Definito dal New York Time Magazine come “il più influente fotografo in vita”, Robert Frank ha segnato uno spartiacque nella storia della fotografia. Lontano dalle concezioni del momento decisivo di Henry Cartier-Bresson e dalla straight photography americana, il lavoro di Frank ha liberato la fotografia documentaristica dal binomio di oggettivita-verità, restituendo una visione fatta di ricerca soggettiva e di emozioni sulla natura dell’esistenza umana.
Robert Frank nasce a Zurigo nel 1924, da una famiglia tedesca di origine ebrea. Al termine della scuola secondaria, lavora come apprendista per i fotografi Hermann Segesser e Michael Wolgensinger. Nel 1946 si autofinanzia la prima pubblicazione, dal titolo di “40 Fotos”. In cerca di una piena realizzazione professionale, Frank emigra a New York nel 1947. Qui viene ingaggiato come fotografo di moda da Alexey Brodovitch, direttore artistico della prestigiosa rivista Harper’s Bazaar. Accanto al lavoro di moda, Frank svolge una prolifica attività di reporter freelance che lo porta in Perù, Bolivia (1948) e in Europa (1949).
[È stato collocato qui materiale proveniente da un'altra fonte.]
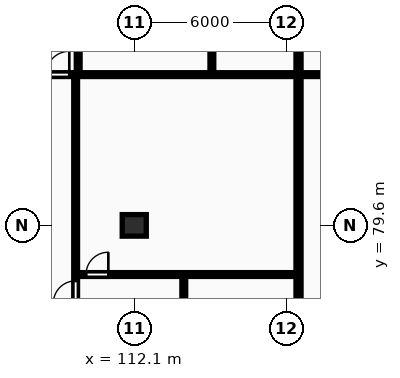
"""IFC4 building model, lengths in metres.
Left out: names, types, materials, properties, quantities, classifications, styles, units other than length and angle.
Written with IfcOpenShell. Run it as: python <this file> out.ifc"""

import sys

from ifc_helpers import new_model, si_unit, direction, frame, frame_2d, origin, origin_2d, place, context, subcontext, project, spatial, rectangle, extrude, element, fill, save


model = new_model("IFC4")
c1 = context("Model", 3, precision=1e-05, world=origin(), true_north=direction((0.0, 1.0)))
c2 = subcontext(c1, "Body", "Model", "MODEL_VIEW")
j1 = project(units=[si_unit("LENGTHUNIT", "METRE"), si_unit("PLANEANGLEUNIT", "RADIAN")], contexts=[c1])
p1 = place(None, origin())
s1 = spatial("IfcSite", under=j1, at=p1, CompositionType="ELEMENT")
p2 = place(p1, origin())
s2 = spatial("IfcBuilding", under=s1, at=p2, CompositionType="ELEMENT")
p3 = place(p2, frame((0.0, 0.0, 113.3)))
s3 = spatial("IfcBuildingStorey", under=s2, at=p3, CompositionType="ELEMENT", Elevation=113.3)
p4 = place(p3, frame((112.1, 79.6, 0.0), z_axis=(0.0, 0.0, 1.0), x_axis=(1.0, 0.0, 0.0)))
e1 = element("IfcColumn", 1, at=p4, inside=s3, PredefinedType="COLUMN", context=c2, shape_type="SweptSolid", body=[
    extrude(rectangle(XDim=0.95, YDim=0.85, at=origin_2d()), origin(), (0.0, 0.0, 1.0), 3.25),
])
p5 = place(p3, frame((118.584, 69.83, 0.0), z_axis=(0.0, 0.0, 1.0), x_axis=(0.0, 1.0, 0.0)))
e2 = element("IfcWall", 2, at=p5, inside=s3, PredefinedType="PARTITIONING", context=c2, shape_type="SweptSolid", body=[
    extrude(rectangle(XDim=26.07, YDim=0.2, at=frame_2d((13.035, 0.0))), origin(), (0.0, 0.0, 1.0), 2.97),
])
p6 = place(p3, frame((114.055, 69.81, 0.0), z_axis=(0.0, 0.0, 1.0), x_axis=(0.0, 1.0, 0.0)))
e3 = element("IfcWall", 3, at=p6, inside=s3, PredefinedType="PARTITIONING", context=c2, shape_type="SweptSolid", body=[
    extrude(rectangle(XDim=7.85, YDim=0.15, at=frame_2d((3.925, 0.0))), origin(), (0.0, 0.0, 1.0), 2.97),
])
p7 = place(p6, frame((3.505, 0.0, 0.0)))
e4 = element("IfcOpeningElement", 4, at=p7, cuts=e3, PredefinedType="OPENING", context=c2, shape_type="SweptSolid", body=[
    extrude(rectangle(XDim=0.84, YDim=2.04, at=frame_2d((0.42, 1.02))), frame((0.0, 0.085, 0.0), z_axis=(0.0, -1.0, 0.0), x_axis=(1.0, 0.0, 0.0)), (0.0, 0.0, 1.0), 0.17),
])
p8 = place(p3, frame((109.847, 77.66, 0.0), z_axis=(0.0, 0.0, 1.0), x_axis=(1.0, 0.0, 0.0)))
e5 = element("IfcWall", 5, at=p8, inside=s3, PredefinedType="PARTITIONING", context=c2, shape_type="SweptSolid", body=[
    extrude(rectangle(XDim=8.657, YDim=0.15, at=frame_2d((4.329, 0.0))), origin(), (0.0, 0.0, 1.0), 2.97),
])
p9 = place(p8, frame((0.35, 0.0, 0.0)))
e6 = element("IfcOpeningElement", 6, at=p9, cuts=e5, PredefinedType="OPENING", context=c2, shape_type="SweptSolid", body=[
    extrude(rectangle(XDim=0.88, YDim=2.06, at=frame_2d((0.44, 1.03))), frame((0.0, 0.085, 0.0), z_axis=(0.0, -1.0, 0.0), x_axis=(1.0, 0.0, 0.0)), (0.0, 0.0, 1.0), 0.17),
])
p10 = place(p3, frame((109.787, 69.81, 0.0), z_axis=(0.0, 0.0, 1.0), x_axis=(0.0, 1.0, 0.0)))
e7 = element("IfcWall", 7, at=p10, inside=s3, PredefinedType="PARTITIONING", context=c2, shape_type="SweptSolid", body=[
    extrude(rectangle(XDim=15.7, YDim=0.15, at=frame_2d((7.85, 0.0))), origin(), (0.0, 0.0, 1.0), 2.97),
])
p11 = place(p10, frame((6.72, 0.0, 0.0)))
e8 = element("IfcOpeningElement", 8, at=p11, cuts=e7, PredefinedType="OPENING", context=c2, shape_type="SweptSolid", body=[
    extrude(rectangle(XDim=0.88, YDim=2.06, at=frame_2d((0.44, 1.03))), frame((0.0, 0.085, 0.0), z_axis=(0.0, -1.0, 0.0), x_axis=(1.0, 0.0, 0.0)), (0.0, 0.0, 1.0), 0.17),
])
p12 = place(p3, frame((109.887, 85.59, 0.0), z_axis=(0.0, 0.0, 1.0), x_axis=(0.0, 1.0, 0.0)))
e9 = element("IfcWall", 9, at=p12, inside=s3, PredefinedType="PARTITIONING", context=c2, shape_type="SweptSolid", body=[
    extrude(rectangle(XDim=5.0, YDim=0.15, at=frame_2d((2.5, 0.0))), origin(), (0.0, 0.0, 1.0), 2.97),
])
p13 = place(p12, frame((2.06, 0.0, 0.0)))
e10 = element("IfcOpeningElement", 10, at=p13, cuts=e9, PredefinedType="OPENING", context=c2, shape_type="SweptSolid", body=[
    extrude(rectangle(XDim=0.88, YDim=2.06, at=frame_2d((0.44, 1.03))), frame((0.0, 0.085, 0.0), z_axis=(0.0, -1.0, 0.0), x_axis=(1.0, 0.0, 0.0)), (0.0, 0.0, 1.0), 0.17),
])
p14 = place(p3, frame((115.164, 85.59, 0.0), z_axis=(0.0, 0.0, 1.0), x_axis=(0.0, 1.0, 0.0)))
e11 = element("IfcWall", 11, at=p14, inside=s3, PredefinedType="PARTITIONING", context=c2, shape_type="SweptSolid", body=[
    extrude(rectangle(XDim=10.31, YDim=0.15, at=frame_2d((5.155, 0.0))), origin(), (0.0, 0.0, 1.0), 2.97),
])
p15 = place(p14, frame((1.43, 0.0, 0.0)))
e12 = element("IfcOpeningElement", 12, at=p15, cuts=e11, PredefinedType="OPENING", context=c2, shape_type="SweptSolid", body=[
    extrude(rectangle(XDim=0.84, YDim=2.04, at=frame_2d((0.42, 1.02))), frame((0.0, 0.085, 0.0), z_axis=(0.0, -1.0, 0.0), x_axis=(1.0, 0.0, 0.0)), (0.0, 0.0, 1.0), 0.17),
])
p16 = place(p14, frame((3.92, 0.0, 0.0)))
e13 = element("IfcOpeningElement", 13, at=p16, cuts=e11, PredefinedType="OPENING", context=c2, shape_type="SweptSolid", body=[
    extrude(rectangle(XDim=0.84, YDim=2.04, at=frame_2d((0.42, 1.02))), frame((0.0, 0.085, 0.0), z_axis=(0.0, -1.0, 0.0), x_axis=(1.0, 0.0, 0.0)), (0.0, 0.0, 1.0), 0.17),
])
p17 = place(p14, frame((5.48, 0.0, 0.0)))
e14 = element("IfcOpeningElement", 14, at=p17, cuts=e11, PredefinedType="OPENING", context=c2, shape_type="SweptSolid", body=[
    extrude(rectangle(XDim=0.88, YDim=2.06, at=frame_2d((0.44, 1.03))), frame((0.0, 0.085, 0.0), z_axis=(0.0, -1.0, 0.0), x_axis=(1.0, 0.0, 0.0)), (0.0, 0.0, 1.0), 0.17),
])
p18 = place(p3, frame((105.896, 85.55, 0.0), z_axis=(0.0, 0.0, 1.0), x_axis=(1.0, 0.0, 0.0)))
e15 = element("IfcWall", 15, at=p18, inside=s3, PredefinedType="PARTITIONING", context=c2, shape_type="SweptSolid", body=[
    extrude(rectangle(XDim=12.607, YDim=0.15, at=frame_2d((6.304, 0.0))), origin(), (0.0, 0.0, 1.0), 2.97),
])
p19 = place(p18, frame((2.72, 0.0, 0.0)))
e16 = element("IfcOpeningElement", 16, at=p19, cuts=e15, PredefinedType="OPENING", context=c2, shape_type="SweptSolid", body=[
    extrude(rectangle(XDim=0.92, YDim=2.08, at=frame_2d((0.46, 1.04))), frame((0.0, 0.085, 0.0), z_axis=(0.0, -1.0, 0.0), x_axis=(1.0, 0.0, 0.0)), (0.0, 0.0, 1.0), 0.17),
])
p20 = place(p3, frame((118.664, 85.55, 0.0), z_axis=(0.0, 0.0, 1.0), x_axis=(1.0, 0.0, 0.0)))
e17 = element("IfcWall", 17, at=p20, inside=s3, PredefinedType="PARTITIONING", context=c2, shape_type="SweptSolid", body=[
    extrude(rectangle(XDim=11.856, YDim=0.15, at=frame_2d((5.928, 0.0))), origin(), (0.0, 0.0, 1.0), 2.97),
])
p21 = place(p20, frame((2.72, 0.0, 0.0)))
e18 = element("IfcOpeningElement", 18, at=p21, cuts=e17, PredefinedType="OPENING", context=c2, shape_type="SweptSolid", body=[
    extrude(rectangle(XDim=0.92, YDim=2.08, at=frame_2d((0.46, 1.04))), frame((0.0, 0.085, 0.0), z_axis=(0.0, -1.0, 0.0), x_axis=(1.0, 0.0, 0.0)), (0.0, 0.0, 1.0), 0.17),
])
p22 = place(p9, origin())
e19 = element("IfcDoor", 19, at=p22, inside=s3, OperationType="SINGLE_SWING_RIGHT", PredefinedType="DOOR", context=c2, shape_type="SweptSolid", body=[
    extrude(rectangle(XDim=0.88, YDim=2.06, at=frame_2d((0.44, 1.03))), frame((0.0, 0.025, 0.0), z_axis=(0.0, -1.0, 0.0), x_axis=(1.0, 0.0, 0.0)), (0.0, 0.0, 1.0), 0.05),
])
fill(e6, e19)
p23 = place(p11, origin())
e20 = element("IfcDoor", 20, at=p23, inside=s3, OperationType="SINGLE_SWING_LEFT", PredefinedType="DOOR", context=c2, shape_type="SweptSolid", body=[
    extrude(rectangle(XDim=0.88, YDim=2.06, at=frame_2d((0.44, 1.03))), frame((0.0, 0.025, 0.0), z_axis=(0.0, -1.0, 0.0), x_axis=(1.0, 0.0, 0.0)), (0.0, 0.0, 1.0), 0.05),
])
fill(e8, e20)
p24 = place(p19, origin())
e21 = element("IfcDoor", 21, at=p24, inside=s3, OperationType="SINGLE_SWING_RIGHT", PredefinedType="DOOR", context=c2, shape_type="SweptSolid", body=[
    extrude(rectangle(XDim=0.92, YDim=2.08, at=frame_2d((0.46, 1.04))), frame((0.0, 0.025, 0.0), z_axis=(0.0, -1.0, 0.0), x_axis=(1.0, 0.0, 0.0)), (0.0, 0.0, 1.0), 0.05),
])
fill(e16, e21)
save(model, sys.argv[1])

Il suo lavoro viene incluso da Edward Steichen nella mostra 51 American Photographers allestita al Museum of Modern Art di New York e nella celebre The Family of Man del 1955. Nello stesso anno, all’eta di 31 anni, Robert Frank è il primo fotografo europeo a ricevere la borsa di studio della Fondazione Guggenheim di New York. Con i soldi ricevuti viaggia per tutti gli Stati Uniti dal 1955 al 1956, scattando oltre 24.000 fotografie, che diventano un libro di 83 immagini che ha cambiato radicamente la fotografia:“The Americans”. Le difficolta avute per pubblicate il libro negli Stati Uniti, portano Robert Frank a stampare il libro a Parigi, nel 1958. ll libro viene pubblicato negli Stati Uniti, un anno più tardi.
Alla pubblicazione americana la critica regisce stroncando sia il contenuto (contrario all’immagine che l’America promuoveva di sé), sia lo stile del fotografo, troppo lontano dai canoni estesici dell’epoca. Vicino agli ambienti della controcultura della Beat Generation, Frank, viene persino sospettato di comunismo. Negli anni sessanta, nonostante inizi a crescere il consenso per i suoi lavori, Frank abbandona la fotografia per dedicarsi completamente alla realizzazione di film. Il suo cinema è carico di tensioni e tematiche introspettive, come Conversations in Vermont (1969) o About Me: A Musical (1971).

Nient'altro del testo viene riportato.